Uwielbiam łowieczki! Bo dobrze się przy nich bawię:)
Miałam Wam dziś pokazać, co zrobiłam na lubelskie Miasto Poezji, ale to następnym razem. Zabrałam na warsztaty aparat, ale już powinnam nauczyć się, że w takich chwilach nie ma czasu na zajrzenie do torebki:) Na szczęście zawsze znajdzie się ktoś, kto zdjęcia zrobi.
Ale to potem.

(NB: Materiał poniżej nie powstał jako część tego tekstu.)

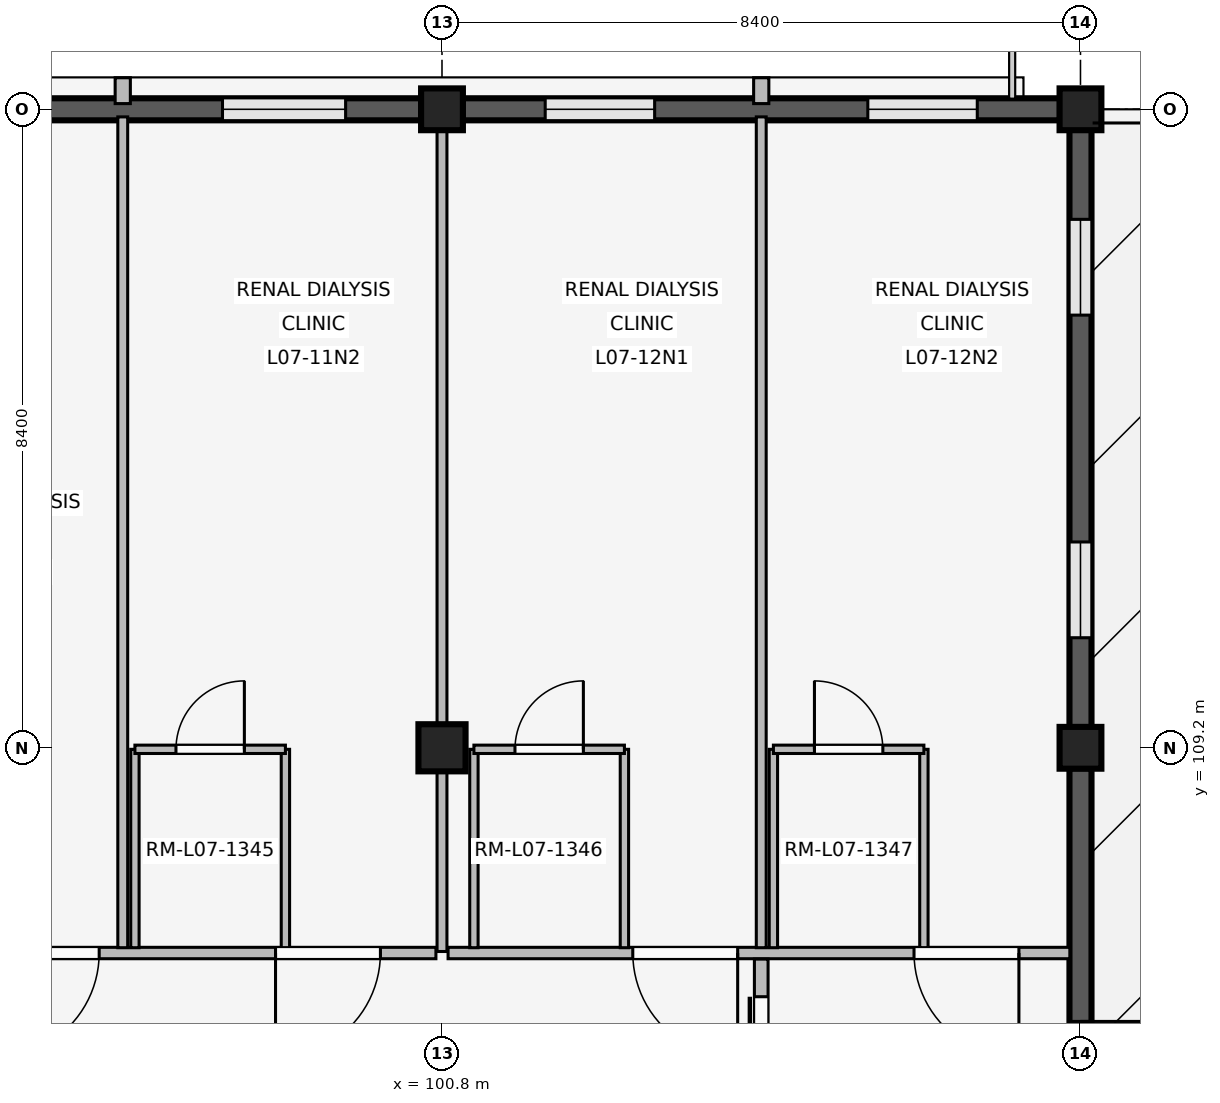
"""IFC4 building model, lengths in metres.
Left out: names, types, materials, properties, quantities, classifications, styles, units other than length and angle.
Written with IfcOpenShell. Run it as: python <this file> out.ifc"""

import sys

from ifc_helpers import new_model, si_unit, direction, frame, frame_2d, origin, origin_2d, place, context, subcontext, project, spatial, rectangle, extrude, element, fill, save


model = new_model("IFC4")
c1 = context("Model", 3, precision=1e-05, world=origin(), true_north=direction((0.0, 1.0)))
c2 = subcontext(c1, "Body", "Model", "MODEL_VIEW")
j1 = project(units=[si_unit("LENGTHUNIT", "METRE"), si_unit("PLANEANGLEUNIT", "RADIAN")], contexts=[c1])
p1 = place(None, origin())
s1 = spatial("IfcSite", under=j1, at=p1, CompositionType="ELEMENT")
p2 = place(p1, origin())
s2 = spatial("IfcBuilding", under=s1, at=p2, CompositionType="ELEMENT")
p3 = place(p2, frame((0.0, 0.0, 28.8)))
s3 = spatial("IfcBuildingStorey", under=s2, at=p3, CompositionType="ELEMENT", Elevation=28.8)
p4 = place(p3, frame((100.8, 109.2, 0.0), z_axis=(0.0, 0.0, 1.0), x_axis=(1.0, 0.0, 0.0)))
e1 = element("IfcColumn", 1, at=p4, inside=s3, PredefinedType="COLUMN", context=c2, shape_type="SweptSolid", body=[
    extrude(rectangle(XDim=0.62, YDim=0.62, at=origin_2d()), origin(), (0.0, 0.0, 1.0), 4.2),
])
for number, where, z_axis, x_axis in (
    (2, (100.8, 117.6, 0.0), (0.0, 0.0, 1.0), (1.0, 0.0, 0.0)),
    (3, (109.2, 109.2, 0.0), (0.0, 0.0, 1.0), (1.0, 0.0, 0.0)),
    (4, (109.2, 117.6, 0.0), (0.0, 0.0, 1.0), (1.0, 0.0, 0.0)),
):
    element("IfcColumn", number, at=place(p3, frame(where, z_axis=z_axis, x_axis=x_axis)), inside=s3, PredefinedType="COLUMN", context=c2, shape_type="SweptSolid", body=[
        extrude(rectangle(XDim=0.55, YDim=0.55, at=origin_2d()), origin(), (0.0, 0.0, 1.0), 4.2),
    ])
p5 = place(p3, frame((92.67, 117.6, 0.0), z_axis=(0.0, 0.0, 1.0), x_axis=(1.0, 0.0, 0.0)))
e5 = element("IfcWall", 5, at=p5, inside=s3, PredefinedType="SOLIDWALL", context=c2, shape_type="SweptSolid", body=[
    extrude(rectangle(XDim=7.86, YDim=0.29, at=frame_2d((3.93, 0.0))), origin(), (0.0, 0.0, 1.0), 3.34),
])
p6 = place(p5, frame((0.998, 0.0, 0.85)))
e6 = element("IfcOpeningElement", 6, at=p6, cuts=e5, PredefinedType="OPENING", context=c2, shape_type="SweptSolid", body=[
    extrude(rectangle(XDim=1.62, YDim=1.8, at=frame_2d((0.81, 0.9))), frame((0.0, 0.155, 0.0), z_axis=(0.0, -1.0, 0.0), x_axis=(1.0, 0.0, 0.0)), (0.0, 0.0, 1.0), 0.31),
])
p7 = place(p5, frame((5.242, 0.0, 0.85)))
e7 = element("IfcOpeningElement", 7, at=p7, cuts=e5, PredefinedType="OPENING", context=c2, shape_type="SweptSolid", body=[
    extrude(rectangle(XDim=1.62, YDim=1.8, at=frame_2d((0.81, 0.9))), frame((0.0, 0.155, 0.0), z_axis=(0.0, -1.0, 0.0), x_axis=(1.0, 0.0, 0.0)), (0.0, 0.0, 1.0), 0.31),
])
p8 = place(p3, frame((96.6, 117.675, 0.0), z_axis=(0.0, 0.0, 1.0), x_axis=(0.0, 1.0, 0.0)))
e8 = element("IfcWall", 8, at=p8, inside=s3, PredefinedType="ELEMENTEDWALL", context=c2, shape_type="SweptSolid", body=[
    extrude(rectangle(XDim=0.34, YDim=0.2, at=frame_2d((0.17, 0.0))), origin(), (0.0, 0.0, 1.0), 3.32),
])
p9 = place(p3, frame((109.2, 108.93, 0.0), z_axis=(0.0, 0.0, 1.0), x_axis=(0.0, -1.0, 0.0)))
e9 = element("IfcWall", 9, at=p9, inside=s3, PredefinedType="SOLIDWALL", context=c2, shape_type="SweptSolid", body=[
    extrude(rectangle(XDim=7.86, YDim=0.29, at=frame_2d((3.93, 0.0))), origin(), (0.0, 0.0, 1.0), 3.34),
])
p10 = place(p9, frame((3.33, 0.0, 0.0)))
e10 = element("IfcOpeningElement", 10, at=p10, cuts=e9, PredefinedType="OPENING", context=c2, shape_type="SweptSolid", body=[
    extrude(rectangle(XDim=1.2, YDim=2.25, at=frame_2d((0.6, 1.125))), frame((0.0, 0.155, 0.0), z_axis=(0.0, -1.0, 0.0), x_axis=(1.0, 0.0, 0.0)), (0.0, 0.0, 1.0), 0.31),
])
p11 = place(p3, frame((101.07, 117.6, 0.0), z_axis=(0.0, 0.0, 1.0), x_axis=(1.0, 0.0, 0.0)))
e11 = element("IfcWall", 11, at=p11, inside=s3, PredefinedType="SOLIDWALL", context=c2, shape_type="SweptSolid", body=[
    extrude(rectangle(XDim=7.86, YDim=0.29, at=frame_2d((3.93, 0.0))), origin(), (0.0, 0.0, 1.0), 3.34),
])
p12 = place(p11, frame((1.088, 0.0, 0.85)))
e12 = element("IfcOpeningElement", 12, at=p12, cuts=e11, PredefinedType="OPENING", context=c2, shape_type="SweptSolid", body=[
    extrude(rectangle(XDim=1.44, YDim=1.62, at=frame_2d((0.72, 0.81))), frame((0.0, 0.155, 0.0), z_axis=(0.0, -1.0, 0.0), x_axis=(1.0, 0.0, 0.0)), (0.0, 0.0, 1.0), 0.31),
])
p13 = place(p11, frame((5.332, 0.0, 0.85)))
e13 = element("IfcOpeningElement", 13, at=p13, cuts=e11, PredefinedType="OPENING", context=c2, shape_type="SweptSolid", body=[
    extrude(rectangle(XDim=1.44, YDim=1.62, at=frame_2d((0.72, 0.81))), frame((0.0, 0.155, 0.0), z_axis=(0.0, -1.0, 0.0), x_axis=(1.0, 0.0, 0.0)), (0.0, 0.0, 1.0), 0.31),
])
p14 = place(p3, frame((105.0, 117.675, 0.0), z_axis=(0.0, 0.0, 1.0), x_axis=(0.0, 1.0, 0.0)))
e14 = element("IfcWall", 14, at=p14, inside=s3, PredefinedType="ELEMENTEDWALL", context=c2, shape_type="SweptSolid", body=[
    extrude(rectangle(XDim=0.34, YDim=0.2, at=frame_2d((0.17, 0.0))), origin(), (0.0, 0.0, 1.0), 3.32),
])
p15 = place(p3, frame((109.2, 117.33, 0.0), z_axis=(0.0, 0.0, 1.0), x_axis=(0.0, -1.0, 0.0)))
e15 = element("IfcWall", 15, at=p15, inside=s3, PredefinedType="SOLIDWALL", context=c2, shape_type="SweptSolid", body=[
    extrude(rectangle(XDim=7.86, YDim=0.29, at=frame_2d((3.93, 0.0))), origin(), (0.0, 0.0, 1.0), 3.34),
])
p16 = place(p15, frame((1.178, 0.0, 0.85)))
e16 = element("IfcOpeningElement", 16, at=p16, cuts=e15, PredefinedType="OPENING", context=c2, shape_type="SweptSolid", body=[
    extrude(rectangle(XDim=1.26, YDim=1.52, at=frame_2d((0.63, 0.76))), frame((0.0, 0.155, 0.0), z_axis=(0.0, -1.0, 0.0), x_axis=(1.0, 0.0, 0.0)), (0.0, 0.0, 1.0), 0.31),
])
p17 = place(p15, frame((5.422, 0.0, 0.85)))
e17 = element("IfcOpeningElement", 17, at=p17, cuts=e15, PredefinedType="OPENING", context=c2, shape_type="SweptSolid", body=[
    extrude(rectangle(XDim=1.26, YDim=1.52, at=frame_2d((0.63, 0.76))), frame((0.0, 0.155, 0.0), z_axis=(0.0, -1.0, 0.0), x_axis=(1.0, 0.0, 0.0)), (0.0, 0.0, 1.0), 0.31),
])
p18 = place(p3, frame((100.72, 106.5, 0.0), z_axis=(0.0, 0.0, 1.0), x_axis=(-1.0, 0.0, 0.0)))
e18 = element("IfcWall", 18, at=p18, inside=s3, PredefinedType="PARTITIONING", context=c2, shape_type="SweptSolid", body=[
    extrude(rectangle(XDim=7.96, YDim=0.15, at=frame_2d((3.98, 0.0))), origin(), (0.0, 0.0, 1.0), 3.32),
])
p19 = place(p18, frame((0.73, 0.0, 0.0)))
e19 = element("IfcOpeningElement", 19, at=p19, cuts=e18, PredefinedType="OPENING", context=c2, shape_type="SweptSolid", body=[
    extrude(rectangle(XDim=1.38, YDim=2.25, at=frame_2d((0.69, 1.125))), frame((0.0, 0.085, 0.0), z_axis=(0.0, -1.0, 0.0), x_axis=(1.0, 0.0, 0.0)), (0.0, 0.0, 1.0), 0.17),
])
p20 = place(p18, frame((4.43, 0.0, 0.0)))
e20 = element("IfcOpeningElement", 20, at=p20, cuts=e18, PredefinedType="OPENING", context=c2, shape_type="SweptSolid", body=[
    extrude(rectangle(XDim=1.38, YDim=2.25, at=frame_2d((0.69, 1.125))), frame((0.0, 0.085, 0.0), z_axis=(0.0, -1.0, 0.0), x_axis=(1.0, 0.0, 0.0)), (0.0, 0.0, 1.0), 0.17),
])
p21 = place(p3, frame((96.6, 106.57, 0.0), z_axis=(0.0, 0.0, 1.0), x_axis=(0.0, 1.0, 0.0)))
e21 = element("IfcWall", 21, at=p21, inside=s3, PredefinedType="PARTITIONING", context=c2, shape_type="SweptSolid", body=[
    extrude(rectangle(XDim=10.93, YDim=0.13, at=frame_2d((5.465, 0.0))), origin(), (0.0, 0.0, 1.0), 3.32),
])
for number, where, z_axis, x_axis in (
    (22, (96.76, 106.57, 0.0), (0.0, 0.0, 1.0), (0.0, 1.0, 0.0)),
    (23, (98.74, 106.57, 0.0), (0.0, 0.0, 1.0), (0.0, 1.0, 0.0)),
):
    element("IfcWall", number, at=place(p3, frame(where, z_axis=z_axis, x_axis=x_axis)), inside=s3, PredefinedType="PARTITIONING", context=c2, shape_type="SweptSolid", body=[
        extrude(rectangle(XDim=2.61, YDim=0.11, at=frame_2d((1.305, 0.0))), origin(), (0.0, 0.0, 1.0), 3.32),
    ])
p22 = place(p3, frame((96.76, 109.18, 0.0), z_axis=(0.0, 0.0, 1.0), x_axis=(1.0, 0.0, 0.0)))
e24 = element("IfcWall", 24, at=p22, inside=s3, PredefinedType="PARTITIONING", context=c2, shape_type="SweptSolid", body=[
    extrude(rectangle(XDim=1.98, YDim=0.11, at=frame_2d((0.99, 0.0))), origin(), (0.0, 0.0, 1.0), 3.32),
])
p23 = place(p22, frame((0.54, 0.0, 0.0)))
e25 = element("IfcOpeningElement", 25, at=p23, cuts=e24, PredefinedType="OPENING", context=c2, shape_type="SweptSolid", body=[
    extrude(rectangle(XDim=0.9, YDim=2.1, at=frame_2d((0.45, 1.05))), frame((0.0, 0.065, 0.0), z_axis=(0.0, -1.0, 0.0), x_axis=(1.0, 0.0, 0.0)), (0.0, 0.0, 1.0), 0.13),
])
p24 = place(p3, frame((100.8, 106.52, 0.0), z_axis=(0.0, 0.0, 1.0), x_axis=(0.0, 1.0, 0.0)))
e26 = element("IfcWall", 26, at=p24, inside=s3, PredefinedType="PARTITIONING", context=c2, shape_type="SweptSolid", body=[
    extrude(rectangle(XDim=10.94, YDim=0.13, at=frame_2d((5.47, 0.0))), origin(), (0.0, 0.0, 1.0), 3.32),
])
p25 = place(p3, frame((109.06, 106.5, 0.0), z_axis=(0.0, 0.0, 1.0), x_axis=(-1.0, 0.0, 0.0)))
e27 = element("IfcWall", 27, at=p25, inside=s3, PredefinedType="PARTITIONING", context=c2, shape_type="SweptSolid", body=[
    extrude(rectangle(XDim=8.18, YDim=0.15, at=frame_2d((4.09, 0.0))), origin(), (0.0, 0.0, 1.0), 3.32),
])
p26 = place(p25, frame((0.67, 0.0, 0.0)))
e28 = element("IfcOpeningElement", 28, at=p26, cuts=e27, PredefinedType="OPENING", context=c2, shape_type="SweptSolid", body=[
    extrude(rectangle(XDim=1.38, YDim=2.25, at=frame_2d((0.69, 1.125))), frame((0.0, 0.085, 0.0), z_axis=(0.0, -1.0, 0.0), x_axis=(1.0, 0.0, 0.0)), (0.0, 0.0, 1.0), 0.17),
])
p27 = place(p25, frame((4.37, 0.0, 0.0)))
e29 = element("IfcOpeningElement", 29, at=p27, cuts=e27, PredefinedType="OPENING", context=c2, shape_type="SweptSolid", body=[
    extrude(rectangle(XDim=1.38, YDim=2.25, at=frame_2d((0.69, 1.125))), frame((0.0, 0.085, 0.0), z_axis=(0.0, -1.0, 0.0), x_axis=(1.0, 0.0, 0.0)), (0.0, 0.0, 1.0), 0.17),
])
p28 = place(p3, frame((105.0, 106.57, 0.0), z_axis=(0.0, 0.0, 1.0), x_axis=(0.0, 1.0, 0.0)))
e30 = element("IfcWall", 30, at=p28, inside=s3, PredefinedType="PARTITIONING", context=c2, shape_type="SweptSolid", body=[
    extrude(rectangle(XDim=10.93, YDim=0.13, at=frame_2d((5.465, 0.0))), origin(), (0.0, 0.0, 1.0), 3.32),
])
for number, where, z_axis, x_axis in (
    (31, (101.22, 106.57, 0.0), (0.0, 0.0, 1.0), (0.0, 1.0, 0.0)),
    (32, (103.2, 106.57, 0.0), (0.0, 0.0, 1.0), (0.0, 1.0, 0.0)),
):
    element("IfcWall", number, at=place(p3, frame(where, z_axis=z_axis, x_axis=x_axis)), inside=s3, PredefinedType="PARTITIONING", context=c2, shape_type="SweptSolid", body=[
        extrude(rectangle(XDim=2.61, YDim=0.11, at=frame_2d((1.305, 0.0))), origin(), (0.0, 0.0, 1.0), 3.32),
    ])
p29 = place(p3, frame((101.22, 109.18, 0.0), z_axis=(0.0, 0.0, 1.0), x_axis=(1.0, 0.0, 0.0)))
e33 = element("IfcWall", 33, at=p29, inside=s3, PredefinedType="PARTITIONING", context=c2, shape_type="SweptSolid", body=[
    extrude(rectangle(XDim=1.98, YDim=0.11, at=frame_2d((0.99, 0.0))), origin(), (0.0, 0.0, 1.0), 3.32),
])
p30 = place(p29, frame((0.54, 0.0, 0.0)))
e34 = element("IfcOpeningElement", 34, at=p30, cuts=e33, PredefinedType="OPENING", context=c2, shape_type="SweptSolid", body=[
    extrude(rectangle(XDim=0.9, YDim=2.1, at=frame_2d((0.45, 1.05))), frame((0.0, 0.065, 0.0), z_axis=(0.0, -1.0, 0.0), x_axis=(1.0, 0.0, 0.0)), (0.0, 0.0, 1.0), 0.13),
])
for number, where, z_axis, x_axis in (
    (35, (105.16, 106.57, 0.0), (0.0, 0.0, 1.0), (0.0, 1.0, 0.0)),
    (36, (107.14, 106.57, 0.0), (0.0, 0.0, 1.0), (0.0, 1.0, 0.0)),
):
    element("IfcWall", number, at=place(p3, frame(where, z_axis=z_axis, x_axis=x_axis)), inside=s3, PredefinedType="PARTITIONING", context=c2, shape_type="SweptSolid", body=[
        extrude(rectangle(XDim=2.61, YDim=0.11, at=frame_2d((1.305, 0.0))), origin(), (0.0, 0.0, 1.0), 3.32),
    ])
p31 = place(p3, frame((105.16, 109.18, 0.0), z_axis=(0.0, 0.0, 1.0), x_axis=(1.0, 0.0, 0.0)))
e37 = element("IfcWall", 37, at=p31, inside=s3, PredefinedType="PARTITIONING", context=c2, shape_type="SweptSolid", body=[
    extrude(rectangle(XDim=1.98, YDim=0.11, at=frame_2d((0.99, 0.0))), origin(), (0.0, 0.0, 1.0), 3.32),
])
p32 = place(p31, frame((0.54, 0.0, 0.0)))
e38 = element("IfcOpeningElement", 38, at=p32, cuts=e37, PredefinedType="OPENING", context=c2, shape_type="SweptSolid", body=[
    extrude(rectangle(XDim=0.9, YDim=2.1, at=frame_2d((0.45, 1.05))), frame((0.0, 0.065, 0.0), z_axis=(0.0, -1.0, 0.0), x_axis=(1.0, 0.0, 0.0)), (0.0, 0.0, 1.0), 0.13),
])
p33 = place(p3, frame((105.0, 103.58, 0.0), z_axis=(0.0, 0.0, 1.0), x_axis=(0.0, 1.0, 0.0)))
e39 = element("IfcWall", 39, at=p33, inside=s3, PredefinedType="PARTITIONING", context=c2, shape_type="SweptSolid", body=[
    extrude(rectangle(XDim=2.84, YDim=0.18, at=frame_2d((1.42, 0.0))), origin(), (0.0, 0.0, 1.0), 3.32),
])
p34 = place(p33, frame((0.495, 0.0, 0.0)))
e40 = element("IfcOpeningElement", 40, at=p34, cuts=e39, PredefinedType="OPENING", context=c2, shape_type="SweptSolid", body=[
    extrude(rectangle(XDim=1.85, YDim=2.3, at=frame_2d((0.925, 1.15))), frame((0.0, 0.1, 0.0), z_axis=(0.0, -1.0, 0.0), x_axis=(1.0, 0.0, 0.0)), (0.0, 0.0, 1.0), 0.2),
])
p35 = place(p7, origin())
e41 = element("IfcWindow", 41, at=p35, inside=s3, PartitioningType="SINGLE_PANEL", PredefinedType="WINDOW", context=c2, shape_type="SweptSolid", body=[
    extrude(rectangle(XDim=1.62, YDim=1.8, at=frame_2d((0.81, 0.9))), frame((0.0, 0.03, 0.0), z_axis=(0.0, -1.0, 0.0), x_axis=(1.0, 0.0, 0.0)), (0.0, 0.0, 1.0), 0.06),
])
fill(e7, e41)
p36 = place(p10, origin())
e42 = element("IfcDoor", 42, at=p36, inside=s3, OperationType="SINGLE_SWING_LEFT", PredefinedType="DOOR", context=c2, shape_type="SweptSolid", body=[
    extrude(rectangle(XDim=1.2, YDim=2.25, at=frame_2d((0.6, 1.125))), frame((0.0, 0.025, 0.0), z_axis=(0.0, -1.0, 0.0), x_axis=(1.0, 0.0, 0.0)), (0.0, 0.0, 1.0), 0.05),
])
fill(e10, e42)
p37 = place(p12, origin())
e43 = element("IfcWindow", 43, at=p37, inside=s3, PartitioningType="SINGLE_PANEL", PredefinedType="WINDOW", context=c2, shape_type="SweptSolid", body=[
    extrude(rectangle(XDim=1.44, YDim=1.62, at=frame_2d((0.72, 0.81))), frame((0.0, 0.03, 0.0), z_axis=(0.0, -1.0, 0.0), x_axis=(1.0, 0.0, 0.0)), (0.0, 0.0, 1.0), 0.06),
])
fill(e12, e43)
p38 = place(p13, origin())
e44 = element("IfcWindow", 44, at=p38, inside=s3, PartitioningType="SINGLE_PANEL", PredefinedType="WINDOW", context=c2, shape_type="SweptSolid", body=[
    extrude(rectangle(XDim=1.44, YDim=1.62, at=frame_2d((0.72, 0.81))), frame((0.0, 0.03, 0.0), z_axis=(0.0, -1.0, 0.0), x_axis=(1.0, 0.0, 0.0)), (0.0, 0.0, 1.0), 0.06),
])
fill(e13, e44)
p39 = place(p16, origin())
e45 = element("IfcWindow", 45, at=p39, inside=s3, PartitioningType="SINGLE_PANEL", PredefinedType="WINDOW", context=c2, shape_type="SweptSolid", body=[
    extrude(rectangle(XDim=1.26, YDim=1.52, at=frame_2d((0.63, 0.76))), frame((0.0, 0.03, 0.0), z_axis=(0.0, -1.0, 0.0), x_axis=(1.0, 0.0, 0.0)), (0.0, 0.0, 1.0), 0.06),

Dziś owieczki.
Przesliczna pareczka :):) Slicznie same one wygladaja ,plus suuper ciuszki maja :):) Pozdrawiam :) Agnieszka
OdpowiedzUsuńCudne i przesympatyczne.
OdpowiedzUsuńjakie miłe pysiaki, aż się chce do nich przytulać.
OdpowiedzUsuńPrzecudne te lowieczki:)))
OdpowiedzUsuńOjej, kolejne cudowne łowiecki!
OdpowiedzUsuńI jak się tu nie uśmiechnąć:)
OdpowiedzUsuńcudne owieczki pozdrawiam ciepluteńko
OdpowiedzUsuńŁowce przesłodkie :)
OdpowiedzUsuńpiękne te łowiecki- dzieciaczki będą się miały do czego przytulać:)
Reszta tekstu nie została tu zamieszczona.